The debris would be localized (less than a mile) if it just crashed.
One [flight 427] witness stated that he heard the sound of the crash while he was playing golf about 2 miles east-northeast of the accident site; about 2 minutes later, he observed blackened insulation falling onto the golf course. The insulation, business card, and sections of the airplane’s cargo liner were sent to Safety Board and Federal Bureau of Investigation (FBI) laboratories for examination, which revealed no evidence of explosive residue. wtc7lies.googlepages.com
(bolding added)
With almost all of Flight 93 supposedly recovered, there should be a lot of plane debris identified coming from a United Airlines plane.
Your 1st challenge:
Find at least ONE MORE piece of plane debris from the Shanksville scene that can be identified as coming from a United Airlines plane.

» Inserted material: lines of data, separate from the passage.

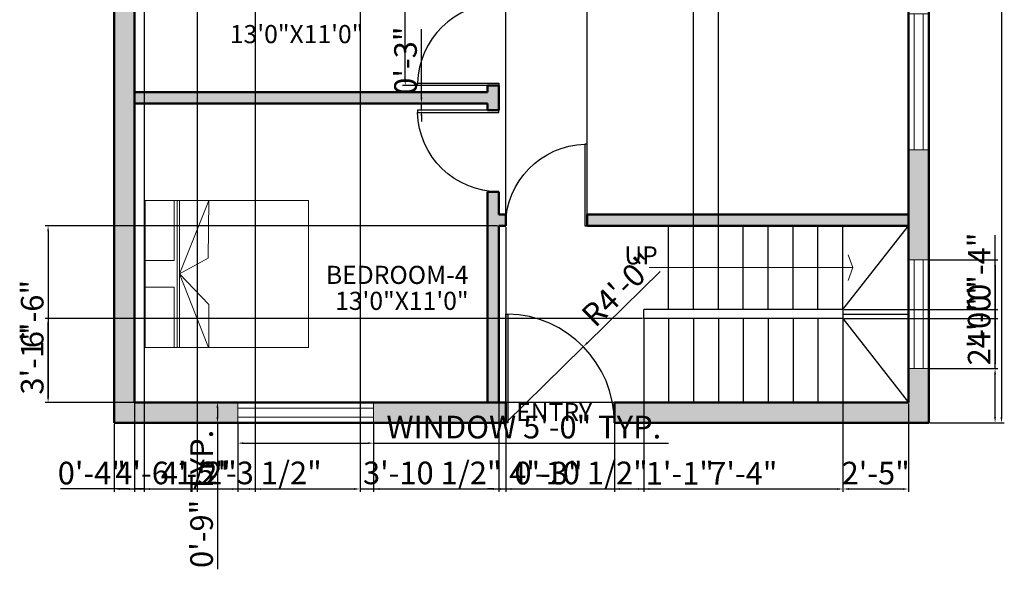
# Model space of a CAD drawing. Units: inches. Extents: x 2719 to 3167, y 1639 to 2327.
# Tile 1 of 4: x 2727 to 3162, y 1639 to 1881. Entities that reach past the tile are written whole.
import ezdxf

# ---------------------------------------------------------------- set-up
doc = ezdxf.new("R2010")
doc.units = ezdxf.units.IN
for name, color, linetype, lineweight in [('A-ANNO-DIMS', 121, 'Continuous', 18), ('A-ANNO-SYMB', 7, 'Continuous', 18), ('A-ANNO-TEXT', 121, 'Continuous', 18), ('A-AREA-IDEN', 121, 'Continuous', 18), ('A-DOOR', 50, 'Continuous', 25), ('A-FLOR-STRS', 7, 'Continuous', 25), ('A-FURN', 211, 'Continuous', 18), ('A-GLAZ', 191, 'Continuous', 18), ('A-WALL', 7, 'Continuous', 50)]:
    doc.layers.add(name, color=color, linetype=linetype, lineweight=lineweight)
doc.layers.add('A-WALL-PATT', color=251, linetype='Continuous', lineweight=13, true_color=0x636466)
doc.styles.get("Standard").update_dxf_attribs({"font": 'arial.ttf'})
doc.dimstyles.new('ISO-25', dxfattribs={"dimtxt": 10, "dimasz": 2.5, "dimexe": 1.25, "dimexo": 0.625, "dimtad": 1, "dimdec": 0, "dimlunit": 3, "dimtxsty": 'Standard', "dimcen": 2.5, "dimadec": 0, "dimazin": 0, "dimtfac": 1, "dimtdec": 0, "dimtmove": 0, "dimatfit": 3, "dimfxl": 1, "dimarcsym": 0})

# ---------------------------------------------------------------- blocks, each defined once
blk = doc.blocks.new('*D2')
at = {"layer": 'A-ANNO-DIMS', "color": 0, "lineweight": -2, "transparency": 16777216}
for p, q in [((3129.42, 2243.44), (3162.14, 2243.44)), ((3160.89, 2240.94), (3160.89, 1705.94)), ((3129.42, 1703.44), (3162.14, 1703.44))]:
    blk.add_line(p, q, dxfattribs=at)
at = {"layer": 'A-ANNO-DIMS', "color": 0, "transparency": 16777216}
for points in [[(3160.47, 2240.94), (3161.31, 2240.94), (3160.89, 2243.44)], [(3160.47, 1705.94), (3161.31, 1705.94), (3160.89, 1703.44)]]:
    blk.add_solid(points, dxfattribs=at)
at = {"layer": 'Defpoints', "color": 0, "transparency": 16777216}
for p in [(3128.8, 2243.44), (3128.8, 1703.44), (3160.89, 1703.44)]:
    blk.add_point(p, dxfattribs=at)
at = {"layer": 'A-ANNO-DIMS', "color": 0, "transparency": 16777216, "insert": (3155.18, 1973.44), "char_height": 10, "attachment_point": 5, "rotation": 90}
blk.add_mtext("45'", dxfattribs=at)
blk = doc.blocks.new('BED-DOUBLE')
for p, q in [((0, 57.96), (64.91, 57.96)), ((0, 56.96), (64.91, 56.96)), ((32.46, 56.96), (0, 44.1)), ((32.46, 56.96), (18.94, 44.05)), ((32.46, 56.96), (64.91, 44.04)), ((32.46, 56.96), (39.4, 44.29)), ((18.94, 44.05), (0, 44.05)), ((39.4, 44.29), (64.91, 44.04))]:
    blk.add_line(p, q)
for points in [[(0, 72.15), (64.91, 72.15), (64.91, 0), (0, 0)], [(0, 72.15), (26.55, 72.15), (26.55, 59.27), (0, 59.27)], [(38.37, 72.15), (64.91, 72.15), (64.91, 59.27), (38.37, 59.27)]]:
    blk.add_lwpolyline(points, close=True)
blk = doc.blocks.new('WIN-60IN')
for p, q in [((9, 60), (0, 60)), ((2.5, 60), (2.5, 0)), ((6.5, 60), (6.5, 0)), ((9, 0), (0, 0))]:
    blk.add_line(p, q)
blk = doc.blocks.new('DOOR-36IN-SWING')
for p, q in [((0, 0), (0, 1)), ((0, 1), (36, 1)), ((36, 0), (0, 0)), ((36, 1), (36, 0))]:
    blk.add_line(p, q)
blk.add_arc((35.99, 0), 36, 89.9779, 178.4083)
blk = doc.blocks.new('*D7')
at = {"layer": 'A-ANNO-DIMS', "color": 0, "lineweight": -2, "transparency": 16777216}
for p, q in [((2823.4, 1702.81), (2823.4, 1693.19)), ((2883.4, 1702.81), (2883.4, 1693.19)), ((2825.9, 1694.44), (2880.9, 1694.44)), ((2883.4, 1694.44), (3013.69, 1694.44))]:
    blk.add_line(p, q, dxfattribs=at)
at = {"layer": 'A-ANNO-DIMS', "color": 0, "transparency": 16777216}
for points in [[(2825.9, 1694.85), (2825.9, 1694.02), (2823.4, 1694.44)], [(2880.9, 1694.85), (2880.9, 1694.02), (2883.4, 1694.44)]]:
    blk.add_solid(points, dxfattribs=at)
at = {"layer": 'Defpoints', "color": 0, "transparency": 16777216}
for p in [(2823.4, 1703.44), (2883.4, 1703.44), (2883.4, 1694.44)]:
    blk.add_point(p, dxfattribs=at)
at = {"layer": 'A-ANNO-DIMS', "color": 0, "transparency": 16777216, "insert": (2949.79, 1700.24), "char_height": 10, "attachment_point": 5}
blk.add_mtext('WINDOW 5\'-0" TYP.', dxfattribs=at)
blk = doc.blocks.new('*D8')
at = {"layer": 'A-ANNO-DIMS', "color": 0, "lineweight": -2, "transparency": 16777216}
for p, q in [((2822.77, 1712.44), (2813.15, 1712.44)), ((2814.4, 1709.94), (2814.4, 1705.94)), ((2822.77, 1703.44), (2813.15, 1703.44)), ((2814.4, 1703.44), (2814.4, 1638.73))]:
    blk.add_line(p, q, dxfattribs=at)
at = {"layer": 'A-ANNO-DIMS', "color": 0, "transparency": 16777216}
for points in [[(2813.98, 1709.94), (2814.82, 1709.94), (2814.4, 1712.44)], [(2813.98, 1705.94), (2814.82, 1705.94), (2814.4, 1703.44)]]:
    blk.add_solid(points, dxfattribs=at)
at = {"layer": 'Defpoints', "color": 0, "transparency": 16777216}
for p in [(2823.4, 1712.44), (2814.4, 1703.44), (2823.4, 1703.44)]:
    blk.add_point(p, dxfattribs=at)
at = {"layer": 'A-ANNO-DIMS', "color": 0, "transparency": 16777216, "insert": (2808.67, 1669.83), "char_height": 10, "attachment_point": 5, "rotation": 90}
blk.add_mtext('0\'-9" TYP.', dxfattribs=at)
blk = doc.blocks.new('*D11')
at = {"layer": 'A-ANNO-DIMS', "color": 0, "lineweight": -2, "transparency": 16777216}
for p, q in [((2897.39, 1888.44), (2897.39, 2011.64)), ((2902.17, 1888.44), (2896.14, 1888.44)), ((2897.39, 1854.94), (2897.39, 1885.94)), ((2902.17, 1852.44), (2896.14, 1852.44))]:
    blk.add_line(p, q, dxfattribs=at)
at = {"layer": 'A-ANNO-DIMS', "color": 0, "transparency": 16777216}
for points in [[(2896.98, 1885.94), (2897.81, 1885.94), (2897.39, 1888.44)], [(2896.98, 1854.94), (2897.81, 1854.94), (2897.39, 1852.44)]]:
    blk.add_solid(points, dxfattribs=at)
at = {"layer": 'Defpoints', "color": 0, "transparency": 16777216}
for p in [(2897.39, 1888.44), (2902.8, 1888.44), (2902.8, 1852.44)]:
    blk.add_point(p, dxfattribs=at)
at = {"layer": 'A-ANNO-DIMS', "color": 0, "transparency": 16777216, "insert": (2891.59, 1951.29), "char_height": 10, "attachment_point": 5, "rotation": 90}
blk.add_mtext('DOOR A 3\'-0" TYP.', dxfattribs=at)
blk = doc.blocks.new('*D15')
at = {"layer": 'A-ANNO-DIMS', "color": 0, "lineweight": -2, "transparency": 16777216}
for p, q in [((2768.8, 1702.81), (2768.8, 1672.94)), ((2823.4, 1702.81), (2823.4, 1672.94)), ((2771.3, 1674.19), (2820.9, 1674.19))]:
    blk.add_line(p, q, dxfattribs=at)
at = {"layer": 'A-ANNO-DIMS', "color": 0, "transparency": 16777216}
for points in [[(2771.3, 1674.6), (2771.3, 1673.77), (2768.8, 1674.19)], [(2820.9, 1674.6), (2820.9, 1673.77), (2823.4, 1674.19)]]:
    blk.add_solid(points, dxfattribs=at)
at = {"layer": 'Defpoints', "color": 0, "transparency": 16777216}
for p in [(2768.8, 1703.44), (2823.4, 1703.44), (2823.4, 1674.19)]:
    blk.add_point(p, dxfattribs=at)
at = {"layer": 'A-ANNO-DIMS', "color": 0, "transparency": 16777216, "insert": (2796.1, 1679.98), "char_height": 10, "attachment_point": 5}
blk.add_mtext('4\'-6 1/2"', dxfattribs=at)
blk = doc.blocks.new('*D16')
at = {"layer": 'A-ANNO-DIMS', "color": 0, "lineweight": -2, "transparency": 16777216}
for p, q in [((2883.4, 1702.81), (2883.4, 1672.94)), ((2941.8, 1702.81), (2941.8, 1672.94)), ((2885.9, 1674.19), (2939.3, 1674.19)), ((2941.8, 1674.19), (3003.6, 1674.19))]:
    blk.add_line(p, q, dxfattribs=at)
at = {"layer": 'A-ANNO-DIMS', "color": 0, "transparency": 16777216}
for points in [[(2885.9, 1674.6), (2885.9, 1673.77), (2883.4, 1674.19)], [(2939.3, 1674.6), (2939.3, 1673.77), (2941.8, 1674.19)]]:
    blk.add_solid(points, dxfattribs=at)
at = {"layer": 'Defpoints', "color": 0, "transparency": 16777216}
for p in [(2883.4, 1703.44), (2941.8, 1703.44), (2941.8, 1674.19)]:
    blk.add_point(p, dxfattribs=at)
at = {"layer": 'A-ANNO-DIMS', "color": 0, "transparency": 16777216, "insert": (2973.95, 1679.98), "char_height": 10, "attachment_point": 5}
blk.add_mtext('4\'-10 1/2"', dxfattribs=at)
blk = doc.blocks.new('*D26')
at = {"layer": 'A-ANNO-DIMS', "color": 0, "lineweight": -2, "transparency": 16777216}
for p, q in [((3158.05, 1727.34), (3158.05, 1757.84)), ((3129.42, 1727.34), (3159.3, 1727.34)), ((3158.05, 1705.94), (3158.05, 1724.84)), ((3129.42, 1703.44), (3159.3, 1703.44))]:
    blk.add_line(p, q, dxfattribs=at)
at = {"layer": 'A-ANNO-DIMS', "color": 0, "transparency": 16777216}
for points in [[(3157.63, 1724.84), (3158.46, 1724.84), (3158.05, 1727.34)], [(3157.63, 1705.94), (3158.46, 1705.94), (3158.05, 1703.44)]]:
    blk.add_solid(points, dxfattribs=at)
at = {"layer": 'Defpoints', "color": 0, "transparency": 16777216}
for p in [(3128.8, 1727.34), (3158.05, 1727.34), (3128.8, 1703.44)]:
    blk.add_point(p, dxfattribs=at)
at = {"layer": 'A-ANNO-DIMS', "color": 0, "transparency": 16777216, "insert": (3152.32, 1743.84), "char_height": 10, "attachment_point": 5, "rotation": 90}
blk.add_mtext('2\'-0"', dxfattribs=at)
blk = doc.blocks.new('*D27')
at = {"layer": 'A-ANNO-DIMS', "color": 0, "lineweight": -2, "transparency": 16777216}
for p, q in [((3129.42, 1775.34), (3159.3, 1775.34)), ((3158.05, 1772.84), (3158.05, 1729.84)), ((3129.42, 1727.34), (3159.3, 1727.34))]:
    blk.add_line(p, q, dxfattribs=at)
at = {"layer": 'A-ANNO-DIMS', "color": 0, "transparency": 16777216}
for points in [[(3157.63, 1772.84), (3158.46, 1772.84), (3158.05, 1775.34)], [(3157.63, 1729.84), (3158.46, 1729.84), (3158.05, 1727.34)]]:
    blk.add_solid(points, dxfattribs=at)
at = {"layer": 'Defpoints', "color": 0, "transparency": 16777216}
for p in [(3128.8, 1775.34), (3128.8, 1727.34), (3158.05, 1727.34)]:
    blk.add_point(p, dxfattribs=at)
at = {"layer": 'A-ANNO-DIMS', "color": 0, "transparency": 16777216, "insert": (3152.32, 1751.34), "char_height": 10, "attachment_point": 5, "rotation": 90}
blk.add_mtext('4\'-0"', dxfattribs=at)
blk = doc.blocks.new('*D31')
at = {"layer": 'A-ANNO-DIMS', "color": 0, "lineweight": -2, "transparency": 16777216}
for p, q in [((2777.8, 1985.81), (2777.8, 1672.94)), ((2805.5, 1985.81), (2805.5, 1672.94)), ((2780.3, 1674.19), (2803, 1674.19)), ((2805.5, 1674.19), (2859.31, 1674.19))]:
    blk.add_line(p, q, dxfattribs=at)
at = {"layer": 'A-ANNO-DIMS', "color": 0, "transparency": 16777216}
for points in [[(2780.3, 1674.6), (2780.3, 1673.77), (2777.8, 1674.19)], [(2803, 1674.6), (2803, 1673.77), (2805.5, 1674.19)]]:
    blk.add_solid(points, dxfattribs=at)
at = {"layer": 'Defpoints', "color": 0, "transparency": 16777216}
for p in [(2777.8, 1986.44), (2805.5, 1986.44), (2805.5, 1674.19)]:
    blk.add_point(p, dxfattribs=at)
at = {"layer": 'A-ANNO-DIMS', "color": 0, "transparency": 16777216, "insert": (2833.65, 1679.99), "char_height": 10, "attachment_point": 5}
blk.add_mtext('2\'-3 1/2"', dxfattribs=at)
blk = doc.blocks.new('*D36')
at = {"layer": 'A-ANNO-DIMS', "color": 0, "lineweight": -2, "transparency": 16777216}
for p, q in [((2782.04, 2006.33), (2782.04, 1672.94)), ((2777.8, 1985.81), (2777.8, 1672.94)), ((2775.3, 1674.19), (2744.96, 1674.19)), ((2782.04, 1674.19), (2777.8, 1674.19)), ((2784.54, 1674.19), (2787.04, 1674.19))]:
    blk.add_line(p, q, dxfattribs=at)
at = {"layer": 'A-ANNO-DIMS', "color": 0, "transparency": 16777216}
for points in [[(2775.3, 1674.6), (2775.3, 1673.77), (2777.8, 1674.19)], [(2784.54, 1674.6), (2784.54, 1673.77), (2782.04, 1674.19)]]:
    blk.add_solid(points, dxfattribs=at)
at = {"layer": 'Defpoints', "color": 0, "transparency": 16777216}
for p in [(2782.04, 2006.96), (2777.8, 1986.44), (2777.8, 1674.19)]:
    blk.add_point(p, dxfattribs=at)
at = {"layer": 'A-ANNO-DIMS', "color": 0, "transparency": 16777216, "insert": (2758.88, 1679.92), "char_height": 10, "attachment_point": 5}
blk.add_mtext('0\'-4"', dxfattribs=at)
blk = doc.blocks.new('*D37')
at = {"layer": 'A-ANNO-DIMS', "color": 0, "lineweight": -2, "transparency": 16777216}
for p, q in [((2831.04, 2061.64), (2831.04, 1672.94)), ((2877.4, 2061.64), (2877.4, 1672.94)), ((2833.54, 1674.19), (2874.9, 1674.19)), ((2877.4, 1674.19), (2938.79, 1674.19))]:
    blk.add_line(p, q, dxfattribs=at)
at = {"layer": 'A-ANNO-DIMS', "color": 0, "transparency": 16777216}
for points in [[(2833.54, 1674.6), (2833.54, 1673.77), (2831.04, 1674.19)], [(2874.9, 1674.6), (2874.9, 1673.77), (2877.4, 1674.19)]]:
    blk.add_solid(points, dxfattribs=at)
at = {"layer": 'Defpoints', "color": 0, "transparency": 16777216}
for p in [(2831.04, 2062.26), (2877.4, 2062.26), (2877.4, 1674.19)]:
    blk.add_point(p, dxfattribs=at)
at = {"layer": 'A-ANNO-DIMS', "color": 0, "transparency": 16777216, "insert": (2909.34, 1679.99), "char_height": 10, "attachment_point": 5}
blk.add_mtext('3\'-10 1/2"', dxfattribs=at)
blk = doc.blocks.new('*D39')
at = {"layer": 'A-ANNO-DIMS', "color": 0, "lineweight": -2, "transparency": 16777216}
for p, q in [((2777.8, 2084.81), (2777.8, 1672.94)), ((2831.04, 2061.64), (2831.04, 1672.94)), ((2780.3, 1674.19), (2828.54, 1674.19))]:
    blk.add_line(p, q, dxfattribs=at)
at = {"layer": 'A-ANNO-DIMS', "color": 0, "transparency": 16777216}
for points in [[(2780.3, 1674.6), (2780.3, 1673.77), (2777.8, 1674.19)], [(2828.54, 1674.6), (2828.54, 1673.77), (2831.04, 1674.19)]]:
    blk.add_solid(points, dxfattribs=at)
at = {"layer": 'Defpoints', "color": 0, "transparency": 16777216}
for p in [(2777.8, 2085.44), (2831.04, 2062.26), (2831.04, 1674.19)]:
    blk.add_point(p, dxfattribs=at)
at = {"layer": 'A-ANNO-DIMS', "color": 0, "transparency": 16777216, "insert": (2804.42, 1679.9), "char_height": 10, "attachment_point": 5}
blk.add_mtext('4\'-5"', dxfattribs=at)
blk = doc.blocks.new('*D41')
at = {"layer": 'A-ANNO-DIMS', "color": 0, "lineweight": -2, "transparency": 16777216}
for p, q in [((3002.8, 1711.81), (3002.8, 1672.94)), ((3090.8, 1711.81), (3090.8, 1672.94)), ((3005.3, 1674.19), (3088.3, 1674.19))]:
    blk.add_line(p, q, dxfattribs=at)
at = {"layer": 'A-ANNO-DIMS', "color": 0, "transparency": 16777216}
for points in [[(3005.3, 1674.6), (3005.3, 1673.77), (3002.8, 1674.19)], [(3088.3, 1674.6), (3088.3, 1673.77), (3090.8, 1674.19)]]:
    blk.add_solid(points, dxfattribs=at)
at = {"layer": 'Defpoints', "color": 0, "transparency": 16777216}
for p in [(3002.8, 1712.44), (3090.8, 1712.44), (3090.8, 1674.19)]:
    blk.add_point(p, dxfattribs=at)
at = {"layer": 'A-ANNO-DIMS', "color": 0, "transparency": 16777216, "insert": (3046.8, 1679.81), "char_height": 10, "attachment_point": 5}
blk.add_mtext('7\'-4"', dxfattribs=at)
blk = doc.blocks.new('*D42')
at = {"layer": 'A-ANNO-DIMS', "color": 0, "lineweight": -2, "transparency": 16777216}
for p, q in [((3090.8, 1711.81), (3090.8, 1672.94)), ((3119.8, 1711.81), (3119.8, 1672.94)), ((3093.3, 1674.19), (3117.3, 1674.19))]:
    blk.add_line(p, q, dxfattribs=at)
at = {"layer": 'A-ANNO-DIMS', "color": 0, "transparency": 16777216}
for points in [[(3093.3, 1674.6), (3093.3, 1673.77), (3090.8, 1674.19)], [(3117.3, 1674.6), (3117.3, 1673.77), (3119.8, 1674.19)]]:
    blk.add_solid(points, dxfattribs=at)
at = {"layer": 'Defpoints', "color": 0, "transparency": 16777216}
for p in [(3090.8, 1712.44), (3119.8, 1712.44), (3119.8, 1674.19)]:
    blk.add_point(p, dxfattribs=at)
at = {"layer": 'A-ANNO-DIMS', "color": 0, "transparency": 16777216, "insert": (3105.3, 1679.92), "char_height": 10, "attachment_point": 5}
blk.add_mtext('2\'-5"', dxfattribs=at)
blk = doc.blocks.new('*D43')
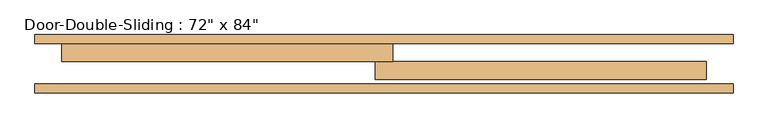
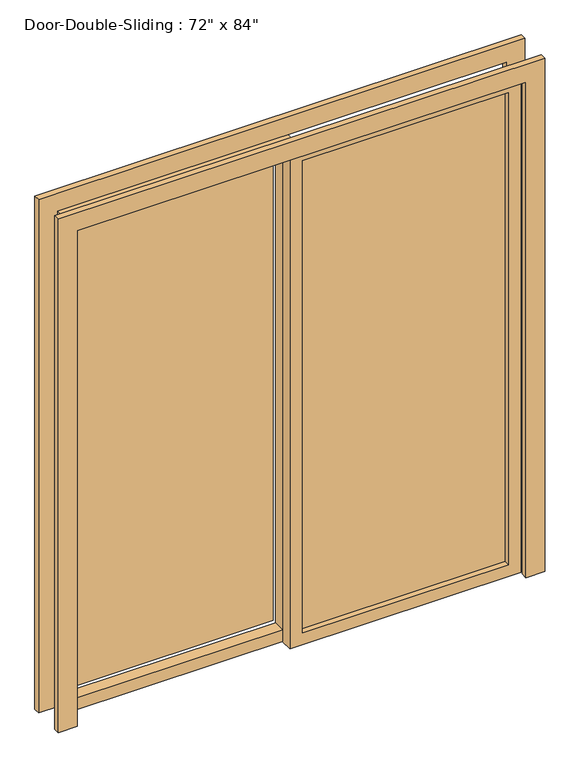
"""IFC4 building model written with IfcOpenShell, lengths in millimetres: door geometry."""

from ifc_helpers import new_model, si_unit, frame, origin, place, context, project, spatial, polyline, outline, extrude, source, transform, mapped, element, save


def door_166d4031(model_context):
    return source(origin(), model_context, "Body", "SweptSolid", [
        extrude(outline(polyline([(0.0, 990.6), (2209.8, 990.6), (2209.8, -990.6), (0.0, -990.6), (0.0, -914.4), (2133.6, -914.4), (2133.6, 914.4), (0.0, 914.4), (0.0, 990.6)])), frame((0.0, 184.15, 0.0), z_axis=(0.0, 1.0, 0.0), x_axis=(0.0, 0.0, 1.0)), (0.0, 0.0, 1.0), 25.4),
        extrude(outline(polyline([(0.0, -990.6), (0.0, -914.4), (2133.6, -914.4), (2133.6, 914.4), (0.0, 914.4), (0.0, 990.6), (2209.8, 990.6), (2209.8, -990.6), (0.0, -990.6)])), frame((0.0, 44.45, 0.0), z_axis=(0.0, 1.0, 0.0), x_axis=(0.0, 0.0, 1.0)), (0.0, 0.0, 1.0), 25.4),
        extrude(outline(polyline([(2133.6, 25.4), (2133.6, -914.4), (0.0, -914.4), (0.0, 25.4), (2133.6, 25.4)]), holes=[polyline([(2082.8, -25.4), (50.8, -25.4), (50.8, -863.6), (2082.8, -863.6), (2082.8, -25.4)])]), frame((0.0, 133.35, 0.0), z_axis=(0.0, 1.0, 0.0), x_axis=(0.0, 0.0, 1.0)), (0.0, 0.0, 1.0), 50.8),
        extrude(outline(polyline([(2133.6, -25.4), (0.0, -25.4), (0.0, 914.4), (2133.6, 914.4), (2133.6, -25.4)]), holes=[polyline([(2082.8, 25.4), (2082.8, 863.6), (50.8, 863.6), (50.8, 25.4), (2082.8, 25.4)])]), frame((0.0, 82.55, 0.0), z_axis=(0.0, 1.0, 0.0), x_axis=(0.0, 0.0, 1.0)), (0.0, 0.0, 1.0), 50.8),
        extrude(outline(polyline([(-25.4, 200.025), (-863.6, 200.025), (-863.6, 206.375), (-25.4, 206.375), (-25.4, 200.025)])), frame((0.0, 0.0, 50.8), z_axis=(0.0, 0.0, 1.0), x_axis=(1.0, 0.0, 0.0)), (0.0, 0.0, 1.0), 2032.0),
        extrude(outline(polyline([(25.4, 111.125), (863.6, 111.125), (863.6, 104.775), (25.4, 104.775), (25.4, 111.125)])), frame((0.0, 0.0, 50.8), z_axis=(0.0, 0.0, 1.0), x_axis=(1.0, 0.0, 0.0)), (0.0, 0.0, 1.0), 2032.0),
    ])


if __name__ == "__main__":
    model = new_model("IFC4")
    model_context = context("Model", 3, world=origin())
    ifc_project = project(units=[si_unit("LENGTHUNIT", "METRE", prefix="MILLI")], contexts=[model_context])
    site = spatial("IfcSite", under=ifc_project)
    building = spatial("IfcBuilding", under=site)
    placement = place(None, origin())
    door_shape = door_166d4031(model_context)
    element("IfcDoor", 1, ObjectType="Door-Double-Sliding : 72\" x 84\"", at=placement, inside=building, context=model_context, shape_type="MappedRepresentation", body=[
        mapped(door_shape, transform((0.0, 0.0, 0.0), x_axis=(1.0, 0.0, 0.0), y_axis=(0.0, 1.0, 0.0), z_axis=(0.0, 0.0, 1.0))),
    ])
    save(model, "model.ifc")

# Revit data of these elements
# Type "Door-Double-Sliding : 72\" x 84\""
#   Type Mark = "8"
#   Construction Type Id = "opn-d45"
#   Assembly Code = "C1020"
#   Analytic Construction = "Wood frame, double glass door "
#   Thickness = 0' - 2"
#   Thermal Resistance (R) = 1.8150 (h·ft²·°F)/BTU
#   Heat Transfer Coefficient (U) = 0.5510 BTU/(h·ft²·°F)
#   Height = 7' - 0"
#   Rail Width = 0' - 2"
#   Stiles = 0' - 2"
#   Trim Projection Ext = 0' - 1"
#   Trim Projection Int = 0' - 1"
#   Trim Width = 0' - 3"
#   Width = 6' - 0"
#   Define Thermal Properties by = 1
#   Glazing = Glass
#   Panel Material = Wood - Birch - Solid Stained Light Low Gloss
#   Trim Material = Paint - Sienna
#   Visual Light Transmittance = 0
#   Solar Heat Gain Coefficient = 0
#   Function = (empty or 0)
#   Wall Closure = (empty or 0)
# Element 1 (IfcDoor, "Door-Double-Sliding : 72\" x 84\"")
#   Materials on its faces: "Paint - Sienna", "Wood - Birch - Solid Stained Light Low Gloss", "Glass"
# Materials
#   "Glass": class "Glass", colour RGB 0 128 192, transparency 0.75, Description = "Soda Lime Glass", Cost = 0
#   "Wood - Birch - Solid Stained Light Low Gloss": class "Wood", colour RGB 210 159 95, transparency 0, Cost = 0
#   "Paint - Sienna": colour RGB 118 70 51, transparency 0, Cost = 0

Originally posted by blackcube
I am just wondering where are the corpses =P
If the plain crash in the air, or other place, dont matter, where are the corpses?
Originally posted by im_being_censored
According to officials, 95% of United Airlines Flight 93 was recovered at Shanksville.
At a news conference, FBI agent Bill Crowley said that the field near Shanksville, Somerset County, has been turned over to the county coroner and that 95 percent of the plane found at the site has been turned over to United Airlines.